1988 übergab Willi Behringer seinen Part der Geschäftsführung an seinen Sohn Rolf, und der frühere Spielplatz wurde zu einem ernsten Tätigkeitsfeld, auf dem Weitsicht und Verantwortung gefordert ist. Inzwischen beschäftigt die Firma weltweit rund 400 Mitarbeiter, davon 365 in Kirchardt, und machte 2018 am Stammsitz einen Jahresumsatz von 55 Millionen Euro. "Unsere Exportquote liegt bei 60 Prozent und in den letzten drei Jahren haben wir 15 Millionen Euro investiert", betont Christian Behringer, der 2000 die Geschäftsführung von seinem Vater Herbert übernahm.
1995 stieg Behringer bei seinem früheren Lieferanten "Vernet" in Frankreich ein und erweiterte damit sein Portfolio. Der Hersteller von Profilbearbeitungsmaschinen war schon am Bau des Eiffelturms beteiligt. 2001 übernahm Behringer dann den namhaften, aber in Schieflage geratenen Kreissägenhersteller Eisele in Weilheim, der, unter neuer Regie, inzwischen weltweit als Technologieführer und Impulsgeber der Branche gilt. Seit 2003 sind die Kirchardter, nach Nordamerika und Frankreich, auch in China aktiv. 2013 wurde eine Serviceniederlassung in Großbritannien gegründet. Und das Unternehmen will weiter wachsen, vor allem am Gründungsstandort. 2006 musste der Stahl- und Anlagenbau zwar aus Platzmangel in ein Zweigwerk in Sinsheim-Dühren verlagert werden, mit der Fertigstellung der neuen Produktionshalle im kommenden Frühjahr soll diese Sparte aber wieder nach Kirchardt zurückgeholt werden.
"Der Maschinenbau ist zwar ganz schön gebeutelt in den letzten Monaten", sagt Christian Behringer, "aber Stahl wird nicht verschwinden. Da sind wir uns sicher!" Die hohen Energiekosten der Gießerei durch die gestiegene EEG-Umlage sei allerdings seit Jahren ein drängendes Thema. Hier sei die Politik gefordert, die Weichen besonders für Mittelständler neu zu stellen.
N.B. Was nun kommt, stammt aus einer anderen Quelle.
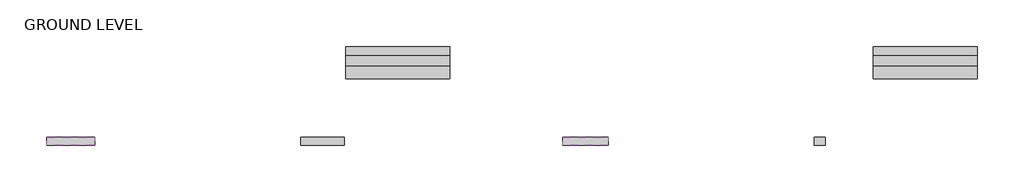
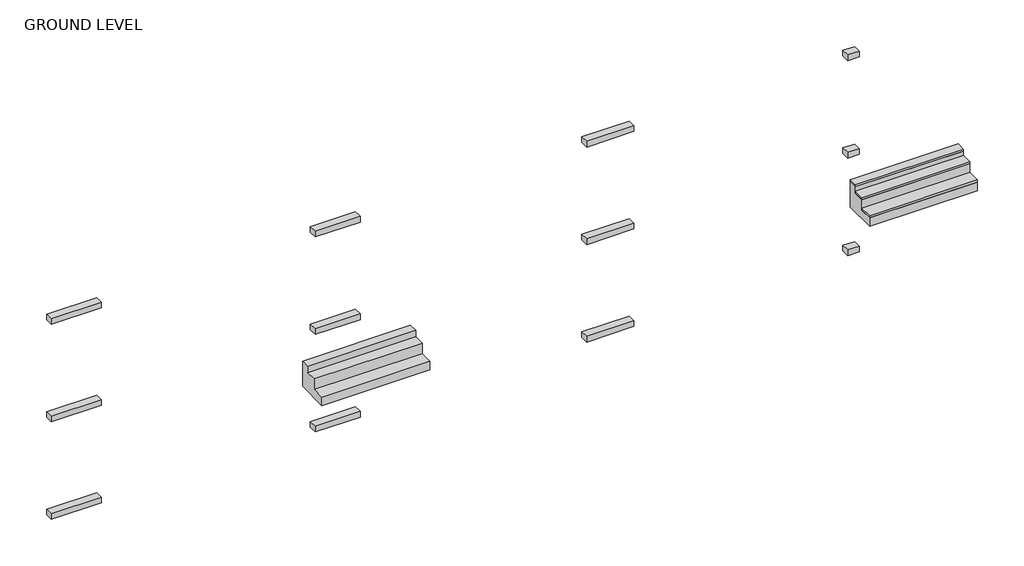
# One storey: 9 proxies.
"""IFC4 building model written with IfcOpenShell, lengths in millimetres."""

from ifc_helpers import new_model, si_unit, frame, origin, place, context, project, spatial, polyline, outline, extrude, transform, mapped, element, save
from components import generic_models_5_generic_models_5_28bce95b

model = new_model("IFC4")

# Units and contexts
model_context = context("Model", 3, world=origin())
ifc_project = project(units=[si_unit("LENGTHUNIT", "METRE", prefix="MILLI")], contexts=[model_context])

# Site, building, storey
site = spatial("IfcSite", under=ifc_project)
building = spatial("IfcBuilding", under=site)
storey = spatial("IfcBuildingStorey", under=building, Name="GROUND LEVEL", Elevation=0.0)

# Proxies
placement = place(None, origin())
generic_models_5_generic_models_5_shape = generic_models_5_generic_models_5_28bce95b(model_context)
element("IfcBuildingElementProxy", 1, Name="Generic Models 5 : Generic Models 5", ObjectType="Generic Models 5 : Generic Models 5", at=placement, inside=storey, context=model_context, shape_type="MappedRepresentation", body=[
    mapped(generic_models_5_generic_models_5_shape, transform((0.0, 0.0, 0.0), x_axis=(1.0, 0.0, 0.0), y_axis=(0.0, 1.0, 0.0), z_axis=(0.0, 0.0, 1.0))),
])
element("IfcBuildingElementProxy", 2, Name="Generic Models 6 : Generic Models 5", ObjectType="Generic Models 6 : Generic Models 5", at=placement, inside=storey, context=model_context, shape_type="MappedRepresentation", body=[
    mapped(generic_models_5_generic_models_5_shape, transform((0.0, 0.0, 25.4), x_axis=(1.0, 0.0, 0.0), y_axis=(0.0, 1.0, 0.0), z_axis=(0.0, 0.0, 1.0))),
])
element("IfcBuildingElementProxy", 3, Name="Generic Models 7 : Generic Models 5", ObjectType="Generic Models 7 : Generic Models 5", at=placement, inside=storey, context=model_context, shape_type="MappedRepresentation", body=[
    mapped(generic_models_5_generic_models_5_shape, transform((-6248.4, 0.0, 25.4), x_axis=(1.0, 0.0, 0.0), y_axis=(0.0, 1.0, 0.0), z_axis=(0.0, 0.0, 1.0))),
])
element("IfcBuildingElementProxy", 4, Name="Reveal 2", ObjectType="Reveal 2", at=placement, inside=storey, context=model_context, shape_type="SweptSolid", body=[
    extrude(outline(polyline([(-15253.3007021, -5496.2840801), (-15253.3007021, -5404.2090801), (-14738.9507021, -5404.2090801), (-14738.9507021, -5496.2840801), (-15253.3007021, -5496.2840801)])), frame((0.0, 0.0, 368.3), z_axis=(0.0, 0.0, 1.0), x_axis=(1.0, 0.0, 0.0)), (0.0, 0.0, 1.0), 67.7333333),
    extrude(outline(polyline([(-18263.2007021, -5496.2840801), (-18263.2007021, -5404.2090801), (-17691.7007021, -5404.2090801), (-17691.7007021, -5496.2840801), (-18263.2007021, -5496.2840801)])), frame((0.0, 0.0, 368.3), z_axis=(0.0, 0.0, 1.0), x_axis=(1.0, 0.0, 0.0)), (0.0, 0.0, 1.0), 67.7333333),
])
element("IfcBuildingElementProxy", 5, Name="Reveal 2", ObjectType="Reveal 2", at=placement, inside=storey, context=model_context, shape_type="SweptSolid", body=[
    extrude(outline(polyline([(-15253.3007021, -5496.2840801), (-15253.3007021, -5404.2090801), (-14738.9507021, -5404.2090801), (-14738.9507021, -5496.2840801), (-15253.3007021, -5496.2840801)])), frame((0.0, 0.0, 2720.34), z_axis=(0.0, 0.0, 1.0), x_axis=(1.0, 0.0, 0.0)), (0.0, 0.0, 1.0), 67.7333333),
    extrude(outline(polyline([(-18263.2007021, -5496.2840801), (-18263.2007021, -5404.2090801), (-17691.7007021, -5404.2090801), (-17691.7007021, -5496.2840801), (-18263.2007021, -5496.2840801)])), frame((0.0, 0.0, 2720.34), z_axis=(0.0, 0.0, 1.0), x_axis=(1.0, 0.0, 0.0)), (0.0, 0.0, 1.0), 67.7333333),
])
element("IfcBuildingElementProxy", 6, Name="Reveal 2", ObjectType="Reveal 2", at=placement, inside=storey, context=model_context, shape_type="SweptSolid", body=[
    extrude(outline(polyline([(-15253.3007021, -5496.2840801), (-15253.3007021, -5404.2090801), (-14738.9507021, -5404.2090801), (-14738.9507021, -5496.2840801), (-15253.3007021, -5496.2840801)])), frame((0.0, 0.0, 1544.32), z_axis=(0.0, 0.0, 1.0), x_axis=(1.0, 0.0, 0.0)), (0.0, 0.0, 1.0), 67.7333333),
    extrude(outline(polyline([(-18263.2007021, -5496.2840801), (-18263.2007021, -5404.2090801), (-17691.7007021, -5404.2090801), (-17691.7007021, -5496.2840801), (-18263.2007021, -5496.2840801)])), frame((0.0, 0.0, 1544.32), z_axis=(0.0, 0.0, 1.0), x_axis=(1.0, 0.0, 0.0)), (0.0, 0.0, 1.0), 67.7333333),
])
element("IfcBuildingElementProxy", 7, Name="Reveal 2", ObjectType="Reveal 2", at=placement, inside=storey, context=model_context, shape_type="SweptSolid", body=[
    extrude(outline(polyline([(-9044.8860997, -5404.2090801), (-9044.8860997, -5496.2840801), (-9176.5344894, -5496.2840801), (-9176.5344894, -5404.2090801), (-9044.8860997, -5404.2090801)])), frame((0.0, 0.0, 368.3), z_axis=(0.0, 0.0, 1.0), x_axis=(1.0, 0.0, 0.0)), (0.0, 0.0, 1.0), 67.7333333),
    extrude(outline(polyline([(-11614.9344894, -5404.2090801), (-11614.9344894, -5496.2840801), (-12154.5007021, -5496.2840801), (-12154.5007021, -5404.2090801), (-11614.9344894, -5404.2090801)])), frame((0.0, 0.0, 368.3), z_axis=(0.0, 0.0, 1.0), x_axis=(1.0, 0.0, 0.0)), (0.0, 0.0, 1.0), 67.7333333),
])
element("IfcBuildingElementProxy", 8, Name="Reveal 2", ObjectType="Reveal 2", at=placement, inside=storey, context=model_context, shape_type="SweptSolid", body=[
    extrude(outline(polyline([(-9044.8860997, -5404.2090801), (-9044.8860997, -5496.2840801), (-9176.5344894, -5496.2840801), (-9176.5344894, -5404.2090801), (-9044.8860997, -5404.2090801)])), frame((0.0, 0.0, 2720.34), z_axis=(0.0, 0.0, 1.0), x_axis=(1.0, 0.0, 0.0)), (0.0, 0.0, 1.0), 67.7333333),
    extrude(outline(polyline([(-11614.9344894, -5404.2090801), (-11614.9344894, -5496.2840801), (-12154.5007021, -5496.2840801), (-12154.5007021, -5404.2090801), (-11614.9344894, -5404.2090801)])), frame((0.0, 0.0, 2720.34), z_axis=(0.0, 0.0, 1.0), x_axis=(1.0, 0.0, 0.0)), (0.0, 0.0, 1.0), 67.7333333),
])
element("IfcBuildingElementProxy", 9, Name="Reveal 2", ObjectType="Reveal 2", at=placement, inside=storey, context=model_context, shape_type="SweptSolid", body=[
    extrude(outline(polyline([(-9044.8860997, -5404.2090801), (-9044.8860997, -5496.2840801), (-9176.5344894, -5496.2840801), (-9176.5344894, -5404.2090801), (-9044.8860997, -5404.2090801)])), frame((0.0, 0.0, 1544.32), z_axis=(0.0, 0.0, 1.0), x_axis=(1.0, 0.0, 0.0)), (0.0, 0.0, 1.0), 67.7333333),
    extrude(outline(polyline([(-11614.9344894, -5404.2090801), (-11614.9344894, -5496.2840801), (-12154.5007021, -5496.2840801), (-12154.5007021, -5404.2090801), (-11614.9344894, -5404.2090801)])), frame((0.0, 0.0, 1544.32), z_axis=(0.0, 0.0, 1.0), x_axis=(1.0, 0.0, 0.0)), (0.0, 0.0, 1.0), 67.7333333),
])

save(model, "model.ifc")

# Revit data of these elements
# Element 1 (IfcBuildingElementProxy, "Generic Models 5 : Generic Models 5")
#   Phase Created = New Construction
# Element 2 (IfcBuildingElementProxy, "Generic Models 6 : Generic Models 5")
#   Phase Created = New Construction
# Element 3 (IfcBuildingElementProxy, "Generic Models 7 : Generic Models 5")
#   Phase Created = New Construction

Mit dem gleichen Mut und Erfindergeist wie vor 100 Jahren stellt sich das Kirchardter Unternehmen längst auch dem Thema Vernetzung und Digitalisierung, entwickelt eigene Softwarelösungen und investiert kräftig.
"Der Pioniergeist und die Kundennähe der Gründer leben weiter", und auch die nächste Generation zeige bereits Interesse, sagt Rolf Behringer. "Wir sehen uns als Problemlöser und können fast alles im eigenen Haus fertigen." Sogar Großbandsägen, mit denen sich 100 Tonnen schwere Schiffskurbelwellen oder Wärmetauscher von Kraftwerken sägen lassen – hochleistungsfähige Sonderanfertigungen, die den führenden Status der Kirchardter Firma in inzwischen 80 Ländern dieser Welt untermauern, selbst in Nischenbereichen.